I miss the flea market.


----------



## Luna_Solara (Jun 25, 2014)

I miss the Acorn festival


----------



## Astro0 (Jun 25, 2014)

I miss how you got to meet pascal in WW! he was probably one of my favourite NPCs, i used to run straight down to the beach every day to check if he was there! and the spaceship was awesome too hahah as everyone else said I miss the personalities in WW, and the way they used to ask you questions all the time, it seemed a lot more like a friendship, i guess! i 100% miss celeste being a bigger part, i loved her so much and i always picked the 'you're so cute!' option just to see her blush omg she's so adorable stop! Blathers talking a bit more about the stuff you were donating and well... blathering more was a lot more entertaining than the awkward half memory of 'when he was young' he does now, it seems really false, idk!

I do love new leaf a lot, probably more than WW. Walking around without a map was hard in WW, the quality of the ame has greatly improved. I miss phyllis being rude, i used to visit just at night to see her! but being mayor, PWP and the island are all too good to let go of. I think they have a long way to go up from NL but its definitely getting there


----------



## Atsushicchi (Jun 25, 2014)

WW had constellations.

And better personalities. In NL everyone seems so happy that it gets boring.


----------



## pika62221 (Sep 22, 2014)

I played Wild World daily for nearly 3 straight years from 2005 to 2008, and I've been playing New Leaf from launch until today (doesn't matter when you read this, I'm still playing that daily, so it's always today). I can tell some of the things I liked about each. Wild World, first was portable. I had Animal Crossing on the Game Cube, and Wild World allowed me to take my town with me, so I never missed an event like I would in AC (I'm also a devout legit gamer- no time travel, if I miss it, just like in real life, I missed it). Second, it used the touch screen to run, talk to animals, etc. It had improvements over the original, like touching the animal who would either wave if you were friends, or scowl/snark if you weren't. Some other reasons I like it? The acorn festival was fun (got many a mushroom furniture that way). Since you shared a house, it was VERY easy to pay off the loan if you had 4 players living in it as I did. The attic wasn't just for saving, people forget that you could change your bed too- I put a nice large modern bed for me, the king! The phone also allowed you to change the clock, should you want to time travel back and forth I guess. The dialog in Wild World made me feel more connected to these animals. Marina talking about Mopina, the villagers talking about the Happy Room Academy points their house received (especially if you give them something that completes a set), and the villager pictures in your house give you a bazillion points, because it didn't matter if they lived there or not!

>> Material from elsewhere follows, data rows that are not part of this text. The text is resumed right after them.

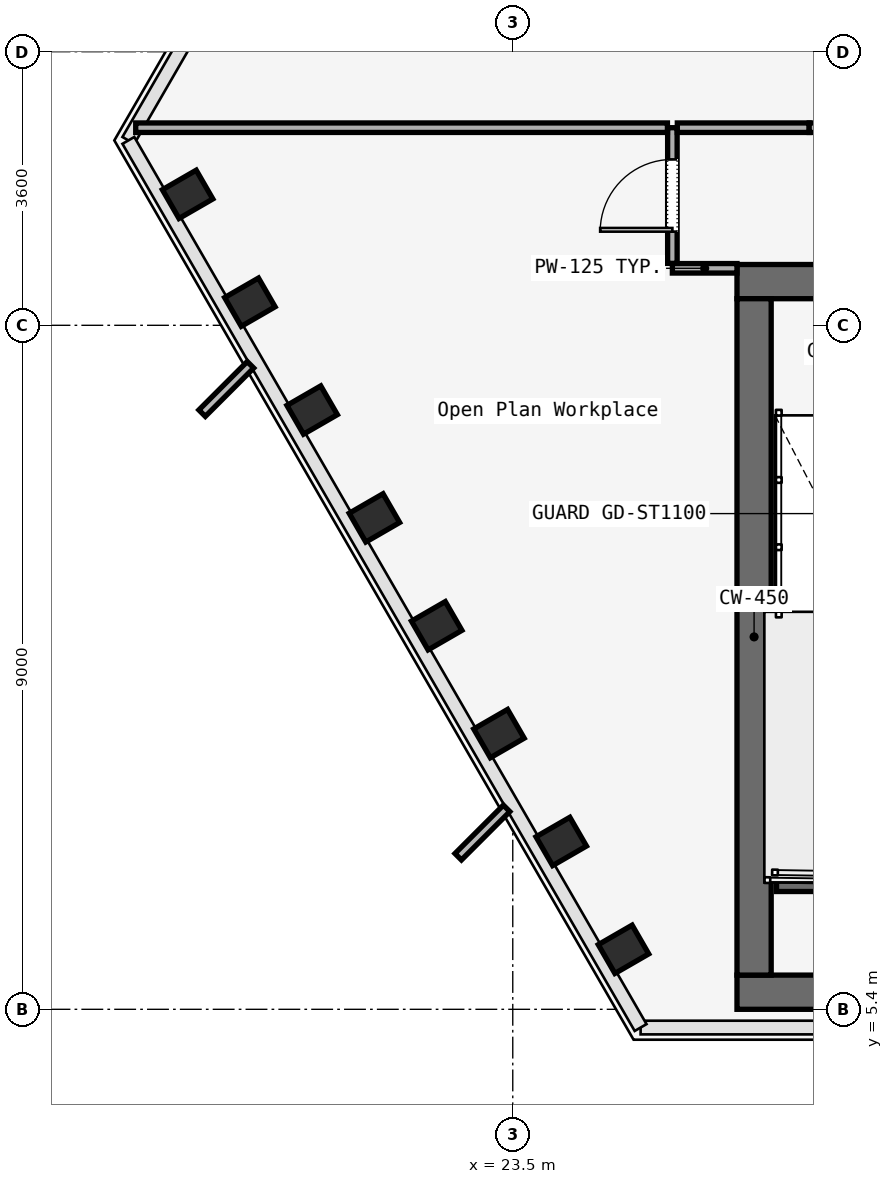
"""IFC4 building model, lengths in metres.
Left out: names, types, materials, properties, quantities, classifications, styles, units other than length and angle.
Written with IfcOpenShell. Run it as: python <this file> out.ifc"""

import sys

from ifc_helpers import new_model, si_unit, direction, frame, frame_2d, origin, origin_2d, place, context, subcontext, project, spatial, rectangle, i_section, extrude, element, fill, save


model = new_model("IFC4")
c1 = context("Model", 3, precision=1e-05, world=origin(), true_north=direction((0.0, 1.0)))
c2 = subcontext(c1, "Body", "Model", "MODEL_VIEW")
j1 = project(units=[si_unit("LENGTHUNIT", "METRE"), si_unit("PLANEANGLEUNIT", "RADIAN")], contexts=[c1])
p1 = place(None, origin())
s1 = spatial("IfcSite", under=j1, at=p1, CompositionType="ELEMENT")
p2 = place(p1, origin())
s2 = spatial("IfcBuilding", under=s1, at=p2, CompositionType="ELEMENT")
p3 = place(p2, frame((0.0, 0.0, 104.4)))
s3 = spatial("IfcBuildingStorey", under=s2, at=p3, CompositionType="ELEMENT", Elevation=104.4)
p4 = place(p3, frame((26.45, 14.975, 0.0), z_axis=(0.0, 0.0, 1.0), x_axis=(1.0, 0.0, 0.0)))
e1 = element("IfcWall", 1, at=p4, inside=s3, PredefinedType="SOLIDWALL", context=c2, shape_type="SweptSolid", body=[
    extrude(rectangle(XDim=31.1, YDim=0.45, at=frame_2d((15.55, 0.0))), origin(), (0.0, 0.0, 1.0), 3.58),
])
p5 = place(p4, frame((1.65, 0.0, 0.0)))
e2 = element("IfcOpeningElement", 2, at=p5, cuts=e1, PredefinedType="OPENING", context=c2, shape_type="SweptSolid", body=[
    extrude(rectangle(XDim=1.1, YDim=2.2, at=frame_2d((0.55, 1.1))), frame((0.0, 0.225, 0.0), z_axis=(0.0, -1.0, 0.0), x_axis=(1.0, 0.0, 0.0)), (0.0, 0.0, 1.0), 0.45),
])
p6 = place(p4, frame((13.65, 0.0, 0.0)))
e3 = element("IfcOpeningElement", 3, at=p6, cuts=e1, PredefinedType="OPENING", context=c2, shape_type="SweptSolid", body=[
    extrude(rectangle(XDim=1.1, YDim=2.2, at=frame_2d((0.55, 1.1))), frame((0.0, 0.225, 0.0), z_axis=(0.0, -1.0, 0.0), x_axis=(1.0, 0.0, 0.0)), (0.0, 0.0, 1.0), 0.45),
])
p7 = place(p4, frame((25.55, 0.0, 0.0)))
e4 = element("IfcOpeningElement", 4, at=p7, cuts=e1, PredefinedType="OPENING", context=c2, shape_type="SweptSolid", body=[
    extrude(rectangle(XDim=1.1, YDim=2.2, at=frame_2d((0.55, 1.1))), frame((0.0, 0.225, 0.0), z_axis=(0.0, -1.0, 0.0), x_axis=(1.0, 0.0, 0.0)), (0.0, 0.0, 1.0), 0.45),
])
p8 = place(p4, frame((10.7, 0.0, 0.0)))
e5 = element("IfcOpeningElement", 5, at=p8, cuts=e1, PredefinedType="OPENING", context=c2, shape_type="SweptSolid", body=[
    extrude(rectangle(XDim=1.4, YDim=2.2, at=frame_2d((0.7, 1.1))), frame((0.0, 0.225, 0.0), z_axis=(0.0, -1.0, 0.0), x_axis=(1.0, 0.0, 0.0)), (0.0, 0.0, 1.0), 0.45),
])
p9 = place(p4, frame((19.35, 0.0, 0.0)))
e6 = element("IfcOpeningElement", 6, at=p9, cuts=e1, PredefinedType="OPENING", context=c2, shape_type="SweptSolid", body=[
    extrude(rectangle(XDim=1.1, YDim=2.2, at=frame_2d((0.55, 1.1))), frame((0.0, 0.225, 0.0), z_axis=(0.0, -1.0, 0.0), x_axis=(1.0, 0.0, 0.0)), (0.0, 0.0, 1.0), 0.45),
])
p10 = place(p4, frame((21.4, 0.0, 0.0)))
e7 = element("IfcOpeningElement", 7, at=p10, cuts=e1, PredefinedType="OPENING", context=c2, shape_type="SweptSolid", body=[
    extrude(rectangle(XDim=0.9, YDim=2.1, at=frame_2d((0.45, 1.05))), frame((0.0, 0.225, 0.0), z_axis=(0.0, -1.0, 0.0), x_axis=(1.0, 0.0, 0.0)), (0.0, 0.0, 1.0), 0.45),
])
p11 = place(p4, frame((23.35, 0.0, 0.0)))
e8 = element("IfcOpeningElement", 8, at=p11, cuts=e1, PredefinedType="OPENING", context=c2, shape_type="SweptSolid", body=[
    extrude(rectangle(XDim=1.3, YDim=2.3, at=frame_2d((0.65, 1.15))), frame((0.0, 0.225, 0.0), z_axis=(0.0, -1.0, 0.0), x_axis=(1.0, 0.0, 0.0)), (0.0, 0.0, 1.0), 0.45),
])
p12 = place(p3, frame((26.45, 5.625, 0.0), z_axis=(0.0, 0.0, 1.0), x_axis=(1.0, 0.0, 0.0)))
e9 = element("IfcWall", 9, at=p12, inside=s3, PredefinedType="SOLIDWALL", context=c2, shape_type="SweptSolid", body=[
    extrude(rectangle(XDim=31.1, YDim=0.45, at=frame_2d((15.55, 0.0))), origin(), (0.0, 0.0, 1.0), 3.58),
])
p13 = place(p3, frame((26.675, 5.85, 0.0), z_axis=(0.0, 0.0, 1.0), x_axis=(0.0, 1.0, 0.0)))
e10 = element("IfcWall", 10, at=p13, inside=s3, PredefinedType="SOLIDWALL", context=c2, shape_type="SweptSolid", body=[
    extrude(rectangle(XDim=8.9, YDim=0.45, at=frame_2d((4.45, 0.0))), origin(), (0.0, 0.0, 1.0), 3.58),
])
for number, where, z_axis, x_axis in (
    (11, (19.222, 16.123, 0.0), (0.0, 0.0, 1.0), (-0.5, 0.866, 0.0)),
    (12, (20.041, 14.704, 0.0), (0.0, 0.0, 1.0), (-0.5, 0.866, 0.0)),
    (13, (20.861, 13.285, 0.0), (0.0, 0.0, 1.0), (-0.5, 0.866, 0.0)),
    (14, (21.68, 11.866, 0.0), (0.0, 0.0, 1.0), (-0.5, 0.866, 0.0)),
    (15, (22.499, 10.447, 0.0), (0.0, 0.0, 1.0), (-0.5, 0.866, 0.0)),
    (16, (23.318, 9.028, 0.0), (0.0, 0.0, 1.0), (-0.5, 0.866, 0.0)),
    (17, (24.138, 7.609, 0.0), (0.0, 0.0, 1.0), (-0.5, 0.866, 0.0)),
    (18, (24.957, 6.19, 0.0), (0.0, 0.0, 1.0), (-0.5, 0.866, 0.0)),
):
    element("IfcColumn", number, at=place(p3, frame(where, z_axis=z_axis, x_axis=x_axis)), inside=s3, PredefinedType="COLUMN", context=c2, shape_type="SweptSolid", body=[
        extrude(i_section(OverallWidth=0.437, OverallDepth=0.514, WebThickness=0.061, FlangeThickness=0.077, FilletRadius=0.015, at=origin_2d()), origin(), (0.0, 0.0, 1.0), 3.58),
    ])
p14 = place(p3, frame((26.97, 7.05, 0.0), z_axis=(0.0, 0.0, 1.0), x_axis=(1.0, 0.0, 0.0)))
e19 = element("IfcWall", 19, at=p14, inside=s3, PredefinedType="SOLIDWALL", context=c2, shape_type="SweptSolid", body=[
    extrude(rectangle(XDim=3.115, YDim=0.2, at=frame_2d((1.558, 0.0))), origin(), (0.0, 0.0, 1.0), 3.8),
])
p15 = place(p3, frame((26.45, 15.15, 0.0), z_axis=(0.0, 0.0, 1.0), x_axis=(-1.0, 0.0, 0.0)))
e20 = element("IfcWall", 20, at=p15, inside=s3, PredefinedType="PARTITIONING", context=c2, shape_type="SweptSolid", body=[
    extrude(rectangle(XDim=0.85, YDim=0.125, at=frame_2d((0.425, 0.0))), origin(), (0.0, 0.0, 1.0), 2.95),
])
p16 = place(p3, frame((25.6, 15.215, 0.0), z_axis=(0.0, 0.0, 1.0), x_axis=(0.0, 1.0, 0.0)))
e21 = element("IfcWall", 21, at=p16, inside=s3, PredefinedType="PARTITIONING", context=c2, shape_type="SweptSolid", body=[
    extrude(rectangle(XDim=1.785, YDim=0.125, at=frame_2d((0.893, 0.0))), origin(), (0.0, 0.0, 1.0), 2.95),
])
p17 = place(p16, frame((0.417, 0.0, 0.0)))
e22 = element("IfcOpeningElement", 22, at=p17, cuts=e21, PredefinedType="OPENING", context=c2, shape_type="SweptSolid", body=[
    extrude(rectangle(XDim=0.95, YDim=2.2, at=frame_2d((0.475, 1.1))), frame((0.0, 0.062, 0.0), z_axis=(0.0, -1.0, 0.0), x_axis=(1.0, 0.0, 0.0)), (0.0, 0.0, 1.0), 0.125),
])
p18 = place(p3, frame((25.665, 17.0, 0.0), z_axis=(0.0, 0.0, 1.0), x_axis=(1.0, 0.0, 0.0)))
e23 = element("IfcWall", 23, at=p18, inside=s3, PredefinedType="PARTITIONING", context=c2, shape_type="SweptSolid", body=[
    extrude(rectangle(XDim=1.735, YDim=0.125, at=frame_2d((0.867, 0.0))), origin(), (0.0, 0.0, 1.0), 2.95),
])
p19 = place(p3, frame((27.4, 17.0, 0.0), z_axis=(0.0, 0.0, 1.0), x_axis=(1.0, 0.0, 0.0)))
e24 = element("IfcWall", 24, at=p19, inside=s3, PredefinedType="PARTITIONING", context=c2, shape_type="SweptSolid", body=[
    extrude(rectangle(XDim=2.4, YDim=0.125, at=frame_2d((1.2, 0.0))), origin(), (0.0, 0.0, 1.0), 2.95),
])
p20 = place(p3, frame((18.539, 17.0, 0.0), z_axis=(0.0, 0.0, 1.0), x_axis=(1.0, 0.0, 0.0)))
e25 = element("IfcWall", 25, at=p20, inside=s3, PredefinedType="PARTITIONING", context=c2, shape_type="SweptSolid", body=[
    extrude(rectangle(XDim=6.996, YDim=0.125, at=frame_2d((3.498, 0.0))), origin(), (0.0, 0.0, 1.0), 2.95),
])
p21 = place(p17, origin())
e26 = element("IfcDoor", 26, at=p21, inside=s3, OperationType="SINGLE_SWING_LEFT", PredefinedType="DOOR", context=c2, shape_type="SweptSolid", body=[
    extrude(rectangle(XDim=0.95, YDim=2.2, at=frame_2d((0.475, 1.1))), frame((0.0, 0.025, 0.0), z_axis=(0.0, -1.0, 0.0), x_axis=(1.0, 0.0, 0.0)), (0.0, 0.0, 1.0), 0.05),
])
fill(e22, e26)
save(model, sys.argv[1])
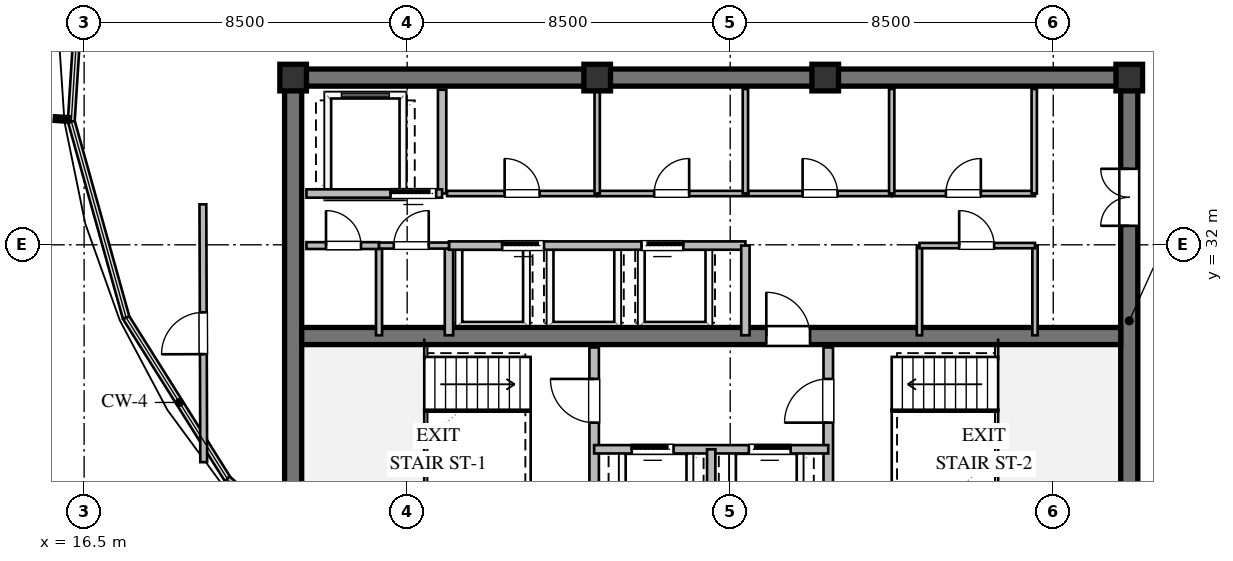
"""IFC4 building model, lengths in metres.
Left out: names, types, materials, properties, quantities, classifications, styles, units other than length and angle.
Written with IfcOpenShell. Run it as: python <this file> out.ifc"""

import sys

from ifc_helpers import new_model, si_unit, direction, frame, frame_2d, origin, origin_2d, place, context, subcontext, project, spatial, rectangle, extrude, element, fill, save


model = new_model("IFC4")
c1 = context("Model", 3, precision=1e-05, world=origin(), true_north=direction((0.0, 1.0)))
c2 = subcontext(c1, "Body", "Model", "MODEL_VIEW")
j1 = project(units=[si_unit("LENGTHUNIT", "METRE"), si_unit("PLANEANGLEUNIT", "RADIAN")], contexts=[c1])
p1 = place(None, origin())
s1 = spatial("IfcSite", under=j1, at=p1, CompositionType="ELEMENT")
p2 = place(p1, origin())
s2 = spatial("IfcBuilding", under=s1, at=p2, CompositionType="ELEMENT")
p3 = place(p2, frame((0.0, 0.0, 262.4)))
s3 = spatial("IfcBuildingStorey", under=s2, at=p3, CompositionType="ELEMENT", Elevation=262.4)
p4 = place(p3, frame((21.775, 36.4, 0.0), z_axis=(0.0, 0.0, 1.0), x_axis=(1.0, 0.0, 0.0)))
e1 = element("IfcWall", 1, at=p4, inside=s3, PredefinedType="SHEAR", context=c2, shape_type="SweptSolid", body=[
    extrude(rectangle(XDim=22.45, YDim=0.45, at=frame_2d((11.225, 0.0))), origin(), (0.0, 0.0, 1.0), 3.56),
])
p5 = place(p3, frame((22.0, 23.825, 0.0), z_axis=(0.0, 0.0, 1.0), x_axis=(0.0, 1.0, 0.0)))
e2 = element("IfcWall", 2, at=p5, inside=s3, PredefinedType="SHEAR", context=c2, shape_type="SweptSolid", body=[
    extrude(rectangle(XDim=12.35, YDim=0.45, at=frame_2d((6.175, 0.0))), origin(), (0.0, 0.0, 1.0), 3.56),
])
p6 = place(p3, frame((44.0, 23.825, 0.0), z_axis=(0.0, 0.0, 1.0), x_axis=(0.0, 1.0, 0.0)))
e3 = element("IfcWall", 3, at=p6, inside=s3, PredefinedType="SHEAR", context=c2, shape_type="SweptSolid", body=[
    extrude(rectangle(XDim=12.35, YDim=0.45, at=frame_2d((6.175, 0.0))), origin(), (0.0, 0.0, 1.0), 3.56),
])
p7 = place(p6, frame((8.675, 0.0, 0.0)))
e4 = element("IfcOpeningElement", 4, at=p7, cuts=e3, PredefinedType="OPENING", context=c2, shape_type="SweptSolid", body=[
    extrude(rectangle(XDim=1.5, YDim=2.15, at=frame_2d((0.75, 1.075))), frame((0.0, 0.235, 0.0), z_axis=(0.0, -1.0, 0.0), x_axis=(1.0, 0.0, 0.0)), (0.0, 0.0, 1.0), 0.47),
])
p8 = place(p3, frame((22.225, 29.6, 0.0), z_axis=(0.0, 0.0, 1.0), x_axis=(1.0, 0.0, 0.0)))
e5 = element("IfcWall", 5, at=p8, inside=s3, PredefinedType="SHEAR", context=c2, shape_type="SweptSolid", body=[
    extrude(rectangle(XDim=21.55, YDim=0.45, at=frame_2d((10.775, 0.0))), origin(), (0.0, 0.0, 1.0), 3.56),
])
p9 = place(p8, frame((12.225, 0.0, 0.0)))
e6 = element("IfcOpeningElement", 6, at=p9, cuts=e5, PredefinedType="OPENING", context=c2, shape_type="SweptSolid", body=[
    extrude(rectangle(XDim=1.15, YDim=2.1, at=frame_2d((0.575, 1.05))), frame((0.0, 0.235, 0.0), z_axis=(0.0, -1.0, 0.0), x_axis=(1.0, 0.0, 0.0)), (0.0, 0.0, 1.0), 0.47),
])
for number, where, z_axis, x_axis in (
    (7, (44.0, 36.4, 0.0), (0.0, 0.0, 1.0), (1.0, 0.0, 0.0)),
    (8, (36.0, 36.4, 0.0), (0.0, 0.0, 1.0), (1.0, 0.0, 0.0)),
    (9, (30.0, 36.4, 0.0), (0.0, 0.0, 1.0), (1.0, 0.0, 0.0)),
    (10, (22.0, 36.4, 0.0), (0.0, 0.0, 1.0), (1.0, 0.0, 0.0)),
):
    element("IfcColumn", number, at=place(p3, frame(where, z_axis=z_axis, x_axis=x_axis)), inside=s3, PredefinedType="COLUMN", context=c2, shape_type="SweptSolid", body=[
        extrude(rectangle(XDim=0.7, YDim=0.7, at=origin_2d()), origin(), (0.0, 0.0, 1.0), 3.8),
    ])
p10 = place(p3, frame((24.648, 21.849, 0.0), z_axis=(0.0, 0.0, 1.0), x_axis=(-0.747068410291, 0.664747162721, 0.0)))
e11 = element("IfcWall", 11, at=p10, inside=s3, PredefinedType="STANDARD", context=c2, shape_type="SweptSolid", body=[
    extrude(rectangle(XDim=5.928, YDim=0.32, at=frame_2d((2.964, 0.0))), origin(), (0.0, 0.0, 1.0), 2.35),
])
p11 = place(p3, frame((29.92, 23.9, 0.0), z_axis=(0.0, 0.0, 1.0), x_axis=(0.0, 1.0, 0.0)))
e12 = element("IfcWall", 12, at=p11, inside=s3, PredefinedType="SOLIDWALL", context=c2, shape_type="SweptSolid", body=[
    extrude(rectangle(XDim=5.4, YDim=0.25, at=frame_2d((2.7, 0.0))), origin(), (0.0, 0.0, 1.0), 3.09),
])
p12 = place(p11, frame((3.421, 0.0, 0.0)))
e13 = element("IfcOpeningElement", 13, at=p12, cuts=e12, PredefinedType="OPENING", context=c2, shape_type="SweptSolid", body=[
    extrude(rectangle(XDim=1.15, YDim=2.1, at=frame_2d((0.575, 1.05))), frame((0.0, 0.135, 0.0), z_axis=(0.0, -1.0, 0.0), x_axis=(1.0, 0.0, 0.0)), (0.0, 0.0, 1.0), 0.27),
])
p13 = place(p3, frame((36.08, 23.9, 0.0), z_axis=(0.0, 0.0, 1.0), x_axis=(0.0, 1.0, 0.0)))
e14 = element("IfcWall", 14, at=p13, inside=s3, PredefinedType="SOLIDWALL", context=c2, shape_type="SweptSolid", body=[
    extrude(rectangle(XDim=5.4, YDim=0.25, at=frame_2d((2.7, 0.0))), origin(), (0.0, 0.0, 1.0), 3.56),
])
p14 = place(p13, frame((3.421, 0.0, 0.0)))
e15 = element("IfcOpeningElement", 15, at=p14, cuts=e14, PredefinedType="OPENING", context=c2, shape_type="SweptSolid", body=[
    extrude(rectangle(XDim=1.15, YDim=2.1, at=frame_2d((0.575, 1.05))), frame((0.0, 0.135, 0.0), z_axis=(0.0, -1.0, 0.0), x_axis=(1.0, 0.0, 0.0)), (0.0, 0.0, 1.0), 0.27),
])
p15 = place(p3, frame((29.92, 26.62, 0.0), z_axis=(0.0, 0.0, 1.0), x_axis=(1.0, 0.0, 0.0)))
e16 = element("IfcWall", 16, at=p15, inside=s3, PredefinedType="SOLIDWALL", context=c2, shape_type="SweptSolid", body=[
    extrude(rectangle(XDim=6.16, YDim=0.22, at=frame_2d((3.08, 0.0))), origin(), (0.0, 0.0, 1.0), 3.56),
])
p16 = place(p15, frame((0.99, 0.0, 0.0)))
e17 = element("IfcOpeningElement", 17, at=p16, cuts=e16, PredefinedType="OPENING", context=c2, shape_type="SweptSolid", body=[
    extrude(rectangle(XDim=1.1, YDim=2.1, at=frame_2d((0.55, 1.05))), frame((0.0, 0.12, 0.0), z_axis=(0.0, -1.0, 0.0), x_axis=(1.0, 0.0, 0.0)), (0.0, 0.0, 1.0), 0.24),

Now, New Leaf came after Wild World, and is a mix of the original, Wild World and City Folk. On the original, they added the island back (and some mini-games, making it more fun than the original I think). Wild World's layout is the background they used for New Leaf- ie no cliffs in the middle of town like the original and City Folk where you had to find that stupid ramp to reach the other half of town. They cleaned up the graphics in New Leaf too, making the trees and villagers look better (not to mention also in 3D). They kept the downtown city aspect from City Folk with Main Street. However, unlike City Folk, the Main Street population is populated only from your villagers, past and/or present. Obviously, since New Leaf is the most recent, it has the most items available, as now you can do pants, shirts, shoes, even socks, hats. 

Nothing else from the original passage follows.